I can’t figure out how to rid my yard of the pests without resorting to jaws-of-death mole traps that are actually illegal to use in my state (ssssh). After a couple of successful trapping sessions, I think I’ve remedied the situation but I’m guessing they’ll return sooner than later. They always do. And when they do, I’d like to try something else that’s safe, humane and perhaps most importantly, legal. Any thoughts?
Please make the talpidaen terror stop,
— JR, Belfair, Wash.
A: Ack! Sorry to hear about your mole mess, JR, and that you had to employ a contraband trapping device to put an end to it. I am, however, glad that you didn’t resort to Bill-Murray-in-"Caddyshack" tactics (i.e.: fatigues and explosives).

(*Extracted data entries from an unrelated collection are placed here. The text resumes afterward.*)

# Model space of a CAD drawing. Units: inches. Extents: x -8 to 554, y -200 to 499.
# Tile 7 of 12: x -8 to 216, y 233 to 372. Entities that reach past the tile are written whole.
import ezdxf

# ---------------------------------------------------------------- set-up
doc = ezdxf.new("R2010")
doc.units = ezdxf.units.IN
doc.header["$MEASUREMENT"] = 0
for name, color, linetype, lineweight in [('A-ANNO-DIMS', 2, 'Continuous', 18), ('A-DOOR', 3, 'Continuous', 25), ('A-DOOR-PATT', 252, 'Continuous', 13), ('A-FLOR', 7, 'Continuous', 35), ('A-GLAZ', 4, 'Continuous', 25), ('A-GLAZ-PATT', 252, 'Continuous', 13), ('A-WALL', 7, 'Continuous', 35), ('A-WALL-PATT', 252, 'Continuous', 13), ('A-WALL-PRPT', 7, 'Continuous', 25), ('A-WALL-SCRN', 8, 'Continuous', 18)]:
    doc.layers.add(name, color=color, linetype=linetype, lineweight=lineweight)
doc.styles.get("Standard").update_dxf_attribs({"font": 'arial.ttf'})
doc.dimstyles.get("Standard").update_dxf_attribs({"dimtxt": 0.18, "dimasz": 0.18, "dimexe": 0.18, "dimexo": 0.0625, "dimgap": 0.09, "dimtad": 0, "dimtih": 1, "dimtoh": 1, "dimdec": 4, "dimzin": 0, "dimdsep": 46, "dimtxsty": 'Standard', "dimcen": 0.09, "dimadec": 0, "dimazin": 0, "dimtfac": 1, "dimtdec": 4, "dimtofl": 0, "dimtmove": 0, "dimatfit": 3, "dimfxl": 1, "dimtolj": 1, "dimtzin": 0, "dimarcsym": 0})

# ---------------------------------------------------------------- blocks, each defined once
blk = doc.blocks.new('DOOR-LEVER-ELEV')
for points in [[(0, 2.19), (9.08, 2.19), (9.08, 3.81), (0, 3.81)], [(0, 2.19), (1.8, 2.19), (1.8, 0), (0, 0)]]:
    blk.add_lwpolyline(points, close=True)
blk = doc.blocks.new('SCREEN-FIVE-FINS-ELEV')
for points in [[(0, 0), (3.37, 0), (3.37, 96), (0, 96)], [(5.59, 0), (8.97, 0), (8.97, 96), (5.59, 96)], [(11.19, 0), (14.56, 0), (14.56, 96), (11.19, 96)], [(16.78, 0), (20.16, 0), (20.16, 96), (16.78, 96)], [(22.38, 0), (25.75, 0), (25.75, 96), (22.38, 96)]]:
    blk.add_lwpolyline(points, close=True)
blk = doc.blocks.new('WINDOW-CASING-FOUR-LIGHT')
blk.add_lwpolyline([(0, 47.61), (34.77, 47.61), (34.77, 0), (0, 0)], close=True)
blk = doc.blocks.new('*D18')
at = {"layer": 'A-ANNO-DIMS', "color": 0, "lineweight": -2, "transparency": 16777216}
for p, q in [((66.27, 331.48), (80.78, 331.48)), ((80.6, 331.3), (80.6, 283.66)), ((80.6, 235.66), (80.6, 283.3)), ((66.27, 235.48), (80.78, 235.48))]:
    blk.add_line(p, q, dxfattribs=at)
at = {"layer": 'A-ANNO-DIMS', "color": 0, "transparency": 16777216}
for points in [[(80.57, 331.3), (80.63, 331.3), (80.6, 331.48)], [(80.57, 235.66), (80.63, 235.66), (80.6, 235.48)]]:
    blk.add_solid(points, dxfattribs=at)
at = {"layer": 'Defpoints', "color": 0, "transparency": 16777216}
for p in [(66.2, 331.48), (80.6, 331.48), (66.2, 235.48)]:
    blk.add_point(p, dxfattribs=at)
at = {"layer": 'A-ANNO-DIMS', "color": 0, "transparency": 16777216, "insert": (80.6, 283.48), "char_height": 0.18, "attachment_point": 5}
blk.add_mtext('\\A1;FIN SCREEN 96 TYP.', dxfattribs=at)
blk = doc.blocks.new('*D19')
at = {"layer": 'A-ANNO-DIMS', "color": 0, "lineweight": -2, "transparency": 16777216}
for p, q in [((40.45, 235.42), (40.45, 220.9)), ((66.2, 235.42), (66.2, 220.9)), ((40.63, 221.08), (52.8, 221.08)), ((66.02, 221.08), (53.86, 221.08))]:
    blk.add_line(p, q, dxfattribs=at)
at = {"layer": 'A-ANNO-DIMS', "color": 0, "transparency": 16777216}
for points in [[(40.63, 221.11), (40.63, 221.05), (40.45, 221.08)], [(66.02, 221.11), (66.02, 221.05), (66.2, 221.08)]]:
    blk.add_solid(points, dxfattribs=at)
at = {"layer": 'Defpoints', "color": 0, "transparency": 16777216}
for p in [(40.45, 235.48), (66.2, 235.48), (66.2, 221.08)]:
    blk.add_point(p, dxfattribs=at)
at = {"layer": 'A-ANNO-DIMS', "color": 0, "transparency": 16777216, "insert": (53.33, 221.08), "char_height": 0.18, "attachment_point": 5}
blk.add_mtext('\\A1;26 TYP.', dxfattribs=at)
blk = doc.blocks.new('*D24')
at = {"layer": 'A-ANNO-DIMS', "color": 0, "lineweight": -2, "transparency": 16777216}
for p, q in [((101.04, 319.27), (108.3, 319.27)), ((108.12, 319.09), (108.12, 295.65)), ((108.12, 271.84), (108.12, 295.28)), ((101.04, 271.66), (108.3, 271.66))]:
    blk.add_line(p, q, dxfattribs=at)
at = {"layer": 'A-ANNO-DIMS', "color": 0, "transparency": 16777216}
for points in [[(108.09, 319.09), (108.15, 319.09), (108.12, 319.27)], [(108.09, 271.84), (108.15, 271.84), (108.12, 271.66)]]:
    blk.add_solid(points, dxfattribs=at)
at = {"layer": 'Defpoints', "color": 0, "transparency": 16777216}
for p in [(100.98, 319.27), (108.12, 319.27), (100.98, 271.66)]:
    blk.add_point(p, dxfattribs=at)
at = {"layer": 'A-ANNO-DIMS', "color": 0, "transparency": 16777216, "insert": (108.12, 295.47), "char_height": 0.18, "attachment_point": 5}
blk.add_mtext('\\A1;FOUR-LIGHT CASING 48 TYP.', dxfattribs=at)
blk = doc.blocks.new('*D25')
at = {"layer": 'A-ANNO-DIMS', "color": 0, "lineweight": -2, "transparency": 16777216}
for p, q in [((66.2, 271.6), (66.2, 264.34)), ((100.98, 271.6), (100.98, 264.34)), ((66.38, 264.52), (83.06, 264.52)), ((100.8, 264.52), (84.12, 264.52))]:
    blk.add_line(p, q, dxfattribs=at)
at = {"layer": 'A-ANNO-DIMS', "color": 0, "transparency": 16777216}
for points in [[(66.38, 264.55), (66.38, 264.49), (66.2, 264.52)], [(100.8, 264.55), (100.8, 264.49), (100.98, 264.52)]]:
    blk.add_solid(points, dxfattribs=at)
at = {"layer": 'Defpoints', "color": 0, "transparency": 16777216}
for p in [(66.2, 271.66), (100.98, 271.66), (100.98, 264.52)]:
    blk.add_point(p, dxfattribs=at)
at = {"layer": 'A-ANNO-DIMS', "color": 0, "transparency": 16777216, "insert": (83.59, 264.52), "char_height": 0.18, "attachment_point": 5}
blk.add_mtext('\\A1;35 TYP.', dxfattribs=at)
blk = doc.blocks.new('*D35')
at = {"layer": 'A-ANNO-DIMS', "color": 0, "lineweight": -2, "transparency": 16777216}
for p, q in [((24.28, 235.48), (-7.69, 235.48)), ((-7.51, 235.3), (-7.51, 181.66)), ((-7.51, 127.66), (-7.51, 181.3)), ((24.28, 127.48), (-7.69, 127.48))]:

Before moving on to discussing safe and humane mole deterrent techniques, the act of mole trapping has an interesting history worth noting. Once upon a time before the Industrial Revolution and the advent of chemical pesticides, traditional molecatchers or “wanters” (yep, it was a lucrative skilled trade) traveled from farm to farm, bagging the buggers with handmade wooden traps in exchange for meals and shelter from farmers or property owners. They’d also be paid an additional fee for each mole caught. This antiquated pest removal tactic has pretty much been replaced with DIY commercial traps and poisons but in the UK, traditional mole-catching techniques have re-emerged with groups like the British Traditional Molecatchers Register and the Guild of British Molecatchers.
It’s widely acknowledged that trapping is the most effective and traditional way to end a mole’s reign of garden-destroying terror but it’s also not the most humane, as the state of Washington has made pretty clear with Initiative 713, a law that prohibits the use of “body-gripping” traps to capture any fur-bearing animal including gophers and moles. You didn’t specify what kind of trap you used, JR … even if it wasn’t a body-gripping one, you’d still need a permit to use it.
Then there’s poisoned mole bait, which like trapping, isn’t the most humane or environmentally safe way to go particularly since it sounds like you’ve made a concerted effort to keep chemical pesticides of all sorts out of your garden. Plus, mole poison isn’t target-selective so you’d risk killing other forms of wildlife as well as pets. And don't reach for rodent bait because moles, like shrews, aren’t even rodents.
This leaves us with mole deterrent techniques. One of the most common ways to keep moles away — you’re probably dealing with Townsend’s moles, the largest North American mole — is to rid your garden of one of their primary food sources: grub. Contrary to popular belief, moles do not eat plants. They nosh on insects found beneath the soil even though all their burrowing can damage plant roots. I’d look into methods of natural grub control to prevent ’em from returning although this method isn’t foolproof since they also enjoy munching on earthworms.
A natural, homemade repellent worth looking into is a mixture of plant-based castor oil and dish soap. From what I gather, results are mixed — some extension offices recommend it, some don’t — when it comes to the effectiveness of the castor oil method. Given that it’s inexpensive and Earth-safe, I think it’s worth a shot. I’ve also come across suggestions for depositing things like lye, human hairballs, mothballs, garlic cloves, broken glass, peppers and even pickle juice into mole “runways” although the reliability of these DIY scare tactics is shaky. Another much talked about but questionable method of repelling moles is using a special ultrasonic mole psych-out device that emits a high-pitched sound that mimics the sound of another mole. If there’s one thing a mole doesn’t like it’s another mole so they may or may not take a hike. Or you could buy a beagle.
So, JR, even though mole-removal purists would say “trap, trap, trap” I’m going to recommend giving natural grub control (as a preventative measure) and castor oil (as a repellent if they do indeed return) a shot. Or you could just leave a piece of paper buried in the dirt with the home address of one of your worst enemies. One thing I wouldn’t do is feel sorry for yourself: The presence of mole means that you have healthy soil, so you do have that going for you!